In the above code, only the first 213 words are preserved. Table 5 contains the updated results from the above code.

Test Train All
80.50% 84.40% 83.10%
80.10% 83.90% 82.63%
82.50% 82.75% 82.67%

Table 5: Logistic Regression with Custom Vocabulary Results

As can be seen, there is a modest improvement in the cross-validation performance. Performance on the training data has decreased. This is reasonable as some spurious features have been removed so the potential for over-fitting has been reduced. Finally, some other slight performance improvements can be had by grid searching through the parameters of the feature extractor and classifier.

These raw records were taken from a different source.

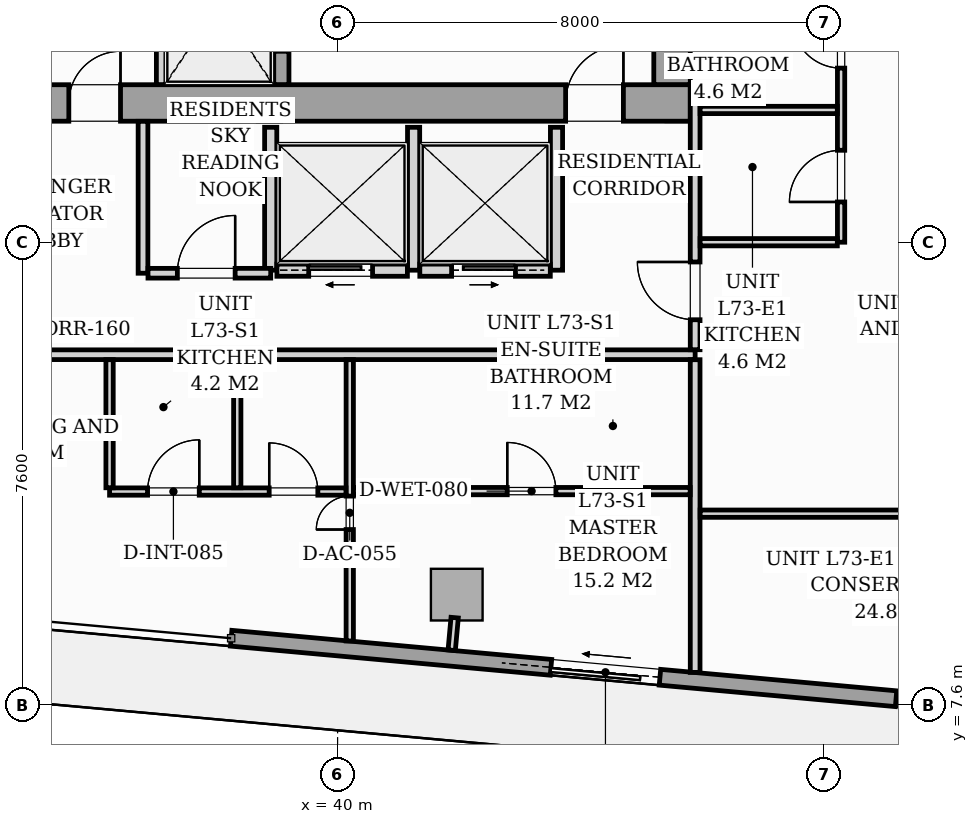
"""IFC4 building model, lengths in metres.
Left out: names, types, materials, properties, quantities, classifications, styles, units other than length and angle.
Written with IfcOpenShell. Run it as: python <this file> out.ifc"""

import sys

from ifc_helpers import new_model, si_unit, direction, frame, frame_2d, origin, origin_2d, place, context, subcontext, project, spatial, rectangle, i_section, extrude, source, transform, mapped, element, fill, save


model = new_model("IFC4")
c1 = context("Model", 3, precision=1e-05, world=origin(), true_north=direction((0.0, 1.0)))
c2 = subcontext(c1, "Body", "Model", "MODEL_VIEW")
j1 = project(units=[si_unit("LENGTHUNIT", "METRE"), si_unit("PLANEANGLEUNIT", "RADIAN")], contexts=[c1])
p1 = place(None, origin())
s1 = spatial("IfcSite", under=j1, at=p1, CompositionType="ELEMENT")
p2 = place(p1, origin())
s2 = spatial("IfcBuilding", under=s1, at=p2, CompositionType="ELEMENT")
p3 = place(p2, frame((0.0, 0.0, 252.9)))
s3 = spatial("IfcBuildingStorey", under=s2, at=p3, CompositionType="ELEMENT", Elevation=252.9)
m1 = source(origin(), c2, "Body", "SweptSolid", [
    extrude(i_section(OverallWidth=0.409, OverallDepth=0.425, WebThickness=0.033, FlangeThickness=0.052, FilletRadius=0.018, at=origin_2d()), origin(), (0.0, 0.0, 1.0), 3.296),
])
for number, where, z_axis, x_axis in (
    (1, (38.88, 17.4, 0.002), (0.0, 0.0, 1.0), (1.0, 0.0, 0.0)),
    (2, (45.6, 17.4, 0.002), (0.0, 0.0, 1.0), (1.0, 0.0, 0.0)),
):
    element("IfcColumn", number, at=place(p3, frame(where, z_axis=z_axis, x_axis=x_axis)), inside=s3, PredefinedType="PILASTER", context=c2, shape_type="MappedRepresentation", body=[
        mapped(m1, transform((0.0, 0.0, 0.0), scale=1.0)),
    ])
m2 = source(origin(), c2, "Body", "SweptSolid", [
    extrude(rectangle(XDim=0.85, YDim=0.85, at=origin_2d()), origin(), (0.0, 0.0, 1.0), 3.296),
])
p4 = place(p3, frame((41.96, 9.415, 0.002), z_axis=(0.0, 0.0, 1.0), x_axis=(0.995884398616, -0.090632580198, 0.0)))
e3 = element("IfcColumn", 3, at=p4, inside=s3, PredefinedType="COLUMN", context=c2, shape_type="MappedRepresentation", body=[
    mapped(m2, transform((0.0, 0.0, 0.0), scale=1.0)),
])
p5 = place(p3, frame((52.819, 7.372, 0.0), z_axis=(0.0, 0.0, 1.0), x_axis=(-0.995884447498, 0.090632043071, 0.0)))
e4 = element("IfcWall", 4, at=p5, inside=s3, PredefinedType="STANDARD", context=c2, shape_type="SweptSolid", body=[
    extrude(rectangle(XDim=14.63, YDim=0.26, at=frame_2d((7.315, 0.0))), origin(), (0.0, 0.0, 1.0), 3.04),
])
p6 = place(p5, frame((7.549, 0.0, 0.0)))
e5 = element("IfcOpeningElement", 5, at=p6, cuts=e4, PredefinedType="OPENING", context=c2, shape_type="SweptSolid", body=[
    extrude(rectangle(XDim=1.8, YDim=2.06, at=frame_2d((0.9, 1.03))), frame((0.0, 0.14, 0.0), z_axis=(0.0, -1.0, 0.0), x_axis=(1.0, 0.0, 0.0)), (0.0, 0.0, 1.0), 0.28),
])
p7 = place(p5, frame((2.05, 0.0, 0.65)))
e6 = element("IfcOpeningElement", 6, at=p7, cuts=e4, PredefinedType="OPENING", context=c2, shape_type="SweptSolid", body=[
    extrude(rectangle(XDim=1.6, YDim=1.5, at=frame_2d((0.8, 0.75))), frame((0.0, 0.14, 0.0), z_axis=(0.0, -1.0, 0.0), x_axis=(1.0, 0.0, 0.0)), (0.0, 0.0, 1.0), 0.28),
])
p8 = place(p3, frame((26.2, 17.5, 0.0), z_axis=(0.0, 0.0, 1.0), x_axis=(1.0, 0.0, 0.0)))
e7 = element("IfcWall", 7, at=p8, inside=s3, PredefinedType="SHEAR", context=c2, shape_type="SweptSolid", body=[
    extrude(rectangle(XDim=19.6, YDim=0.6, at=frame_2d((9.8, 0.0))), origin(), (0.0, 0.0, 1.0), 3.3),
])
p9 = place(p8, frame((0.95, 0.0, 0.0)))
e8 = element("IfcOpeningElement", 8, at=p9, cuts=e7, PredefinedType="OPENING", context=c2, shape_type="SweptSolid", body=[
    extrude(rectangle(XDim=0.95, YDim=2.06, at=frame_2d((0.475, 1.03))), frame((0.0, 0.31, 0.0), z_axis=(0.0, -1.0, 0.0), x_axis=(1.0, 0.0, 0.0)), (0.0, 0.0, 1.0), 0.62),
])
p10 = place(p8, frame((9.38, 0.0, 0.0)))
e9 = element("IfcOpeningElement", 9, at=p10, cuts=e7, PredefinedType="OPENING", context=c2, shape_type="SweptSolid", body=[
    extrude(rectangle(XDim=0.85, YDim=2.0, at=frame_2d((0.425, 1.0))), frame((0.0, 0.31, 0.0), z_axis=(0.0, -1.0, 0.0), x_axis=(1.0, 0.0, 0.0)), (0.0, 0.0, 1.0), 0.62),
])
p11 = place(p8, frame((17.55, 0.0, 0.0)))
e10 = element("IfcOpeningElement", 10, at=p11, cuts=e7, PredefinedType="OPENING", context=c2, shape_type="SweptSolid", body=[
    extrude(rectangle(XDim=0.95, YDim=2.06, at=frame_2d((0.475, 1.03))), frame((0.0, 0.31, 0.0), z_axis=(0.0, -1.0, 0.0), x_axis=(1.0, 0.0, 0.0)), (0.0, 0.0, 1.0), 0.62),
])
p12 = place(p3, frame((45.5, 17.802, 0.0), z_axis=(0.0, 0.0, 1.0), x_axis=(0.0, 1.0, 0.0)))
e11 = element("IfcWall", 11, at=p12, inside=s3, PredefinedType="SHEAR", context=c2, shape_type="SweptSolid", body=[
    extrude(rectangle(XDim=5.796, YDim=0.6, at=frame_2d((2.898, 0.0))), origin(), (0.0, 0.0, 1.0), 3.3),
])
p13 = place(p3, frame((37.1, 17.802, 0.0), z_axis=(0.0, 0.0, 1.0), x_axis=(0.0, 1.0, 0.0)))
e12 = element("IfcWall", 12, at=p13, inside=s3, PredefinedType="PARTITIONING", context=c2, shape_type="SweptSolid", body=[
    extrude(rectangle(XDim=2.646, YDim=0.16, at=frame_2d((1.323, 0.0))), origin(), (0.0, 0.0, 1.0), 3.04),
])
p14 = place(p3, frame((39.075, 17.802, 0.0), z_axis=(0.0, 0.0, 1.0), x_axis=(0.0, 1.0, 0.0)))
e13 = element("IfcWall", 13, at=p14, inside=s3, PredefinedType="SOLIDWALL", context=c2, shape_type="SweptSolid", body=[
    extrude(rectangle(XDim=2.646, YDim=0.25, at=frame_2d((1.323, 0.0))), origin(), (0.0, 0.0, 1.0), 3.3),
])
p15 = place(p14, frame((0.548, 0.0, 0.0)))
e14 = element("IfcOpeningElement", 14, at=p15, cuts=e13, PredefinedType="OPENING", context=c2, shape_type="SweptSolid", body=[
    extrude(rectangle(XDim=1.1, YDim=2.08, at=frame_2d((0.55, 1.04))), frame((0.0, 0.135, 0.0), z_axis=(0.0, -1.0, 0.0), x_axis=(1.0, 0.0, 0.0)), (0.0, 0.0, 1.0), 0.27),
])
for number, where, z_axis, x_axis in (
    (15, (38.9, 14.75, 0.0), (0.0, 0.0, 1.0), (0.0, 1.0, 0.0)),
    (16, (41.25, 14.75, 0.0), (0.0, 0.0, 1.0), (0.0, 1.0, 0.0)),
    (17, (43.6, 14.75, 0.0), (0.0, 0.0, 1.0), (0.0, 1.0, 0.0)),
):
    element("IfcWall", number, at=place(p3, frame(where, z_axis=z_axis, x_axis=x_axis)), inside=s3, PredefinedType="PARTITIONING", context=c2, shape_type="SweptSolid", body=[
        extrude(rectangle(XDim=2.35, YDim=0.2, at=frame_2d((1.175, 0.0))), origin(), (0.0, 0.0, 1.0), 3.04),
    ])
p16 = place(p3, frame((39.002, 14.75, 0.0), z_axis=(0.0, 0.0, 1.0), x_axis=(1.0, 0.0, 0.0)))
e18 = element("IfcWall", 18, at=p16, inside=s3, PredefinedType="PARTITIONING", context=c2, shape_type="SweptSolid", body=[
    extrude(rectangle(XDim=2.146, YDim=0.2, at=frame_2d((1.073, 0.0))), origin(), (0.0, 0.0, 1.0), 3.04),
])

```#Determines locally optimal parameters for the LogisticRegression
#classifier using exhaustive search
#S: 	The list of sentences
#y: 	The target vectors of sentiment scores
#voc: 	The vocabulary to use for CountVectorizer
#ret: 	The locally optimal classifier
def FindBestParams(S, y, voc):
#This will take a long time to run!
params = {'penalty':('l1', 'l2'), 'intercept_scaling':np.arange(0.1,10.1,0.1), 'C':np.arange(0.1, 10.1, 0.1)}
cv = CountVectorizer(vocabulary = voc)
gscv = GridSearchCV(LogisticRegression(), params)
gscv.fit(cv.fit_transform(S), y)
return gscv

#...
gscv = FindBestParams(S, y, voc)
lr = gscv.best_estimator_
RunCVTest(lr, cv, S, y)
```

The final results are shown below in Table 6.

Test Train All
80.60% 84.80% 83.40%
80.80% 84.55% 83.30%
84.60% 83.10% 83.60%

Table 6: Tuned Results for Logistic Regression

Further improvements in the size of the data and the performance of the model can probably be had by further tuning of the parameters.

# Conclusion

Vectors of word frequencies are a basic type of feature that can be extracted from textual data. Despite the simplicity of the feature, reasonable performance can be achieved. A future blog post will explore some slightly more sophisticated methods available in Scikit-learn and possibly other libraries. I hope to see you then.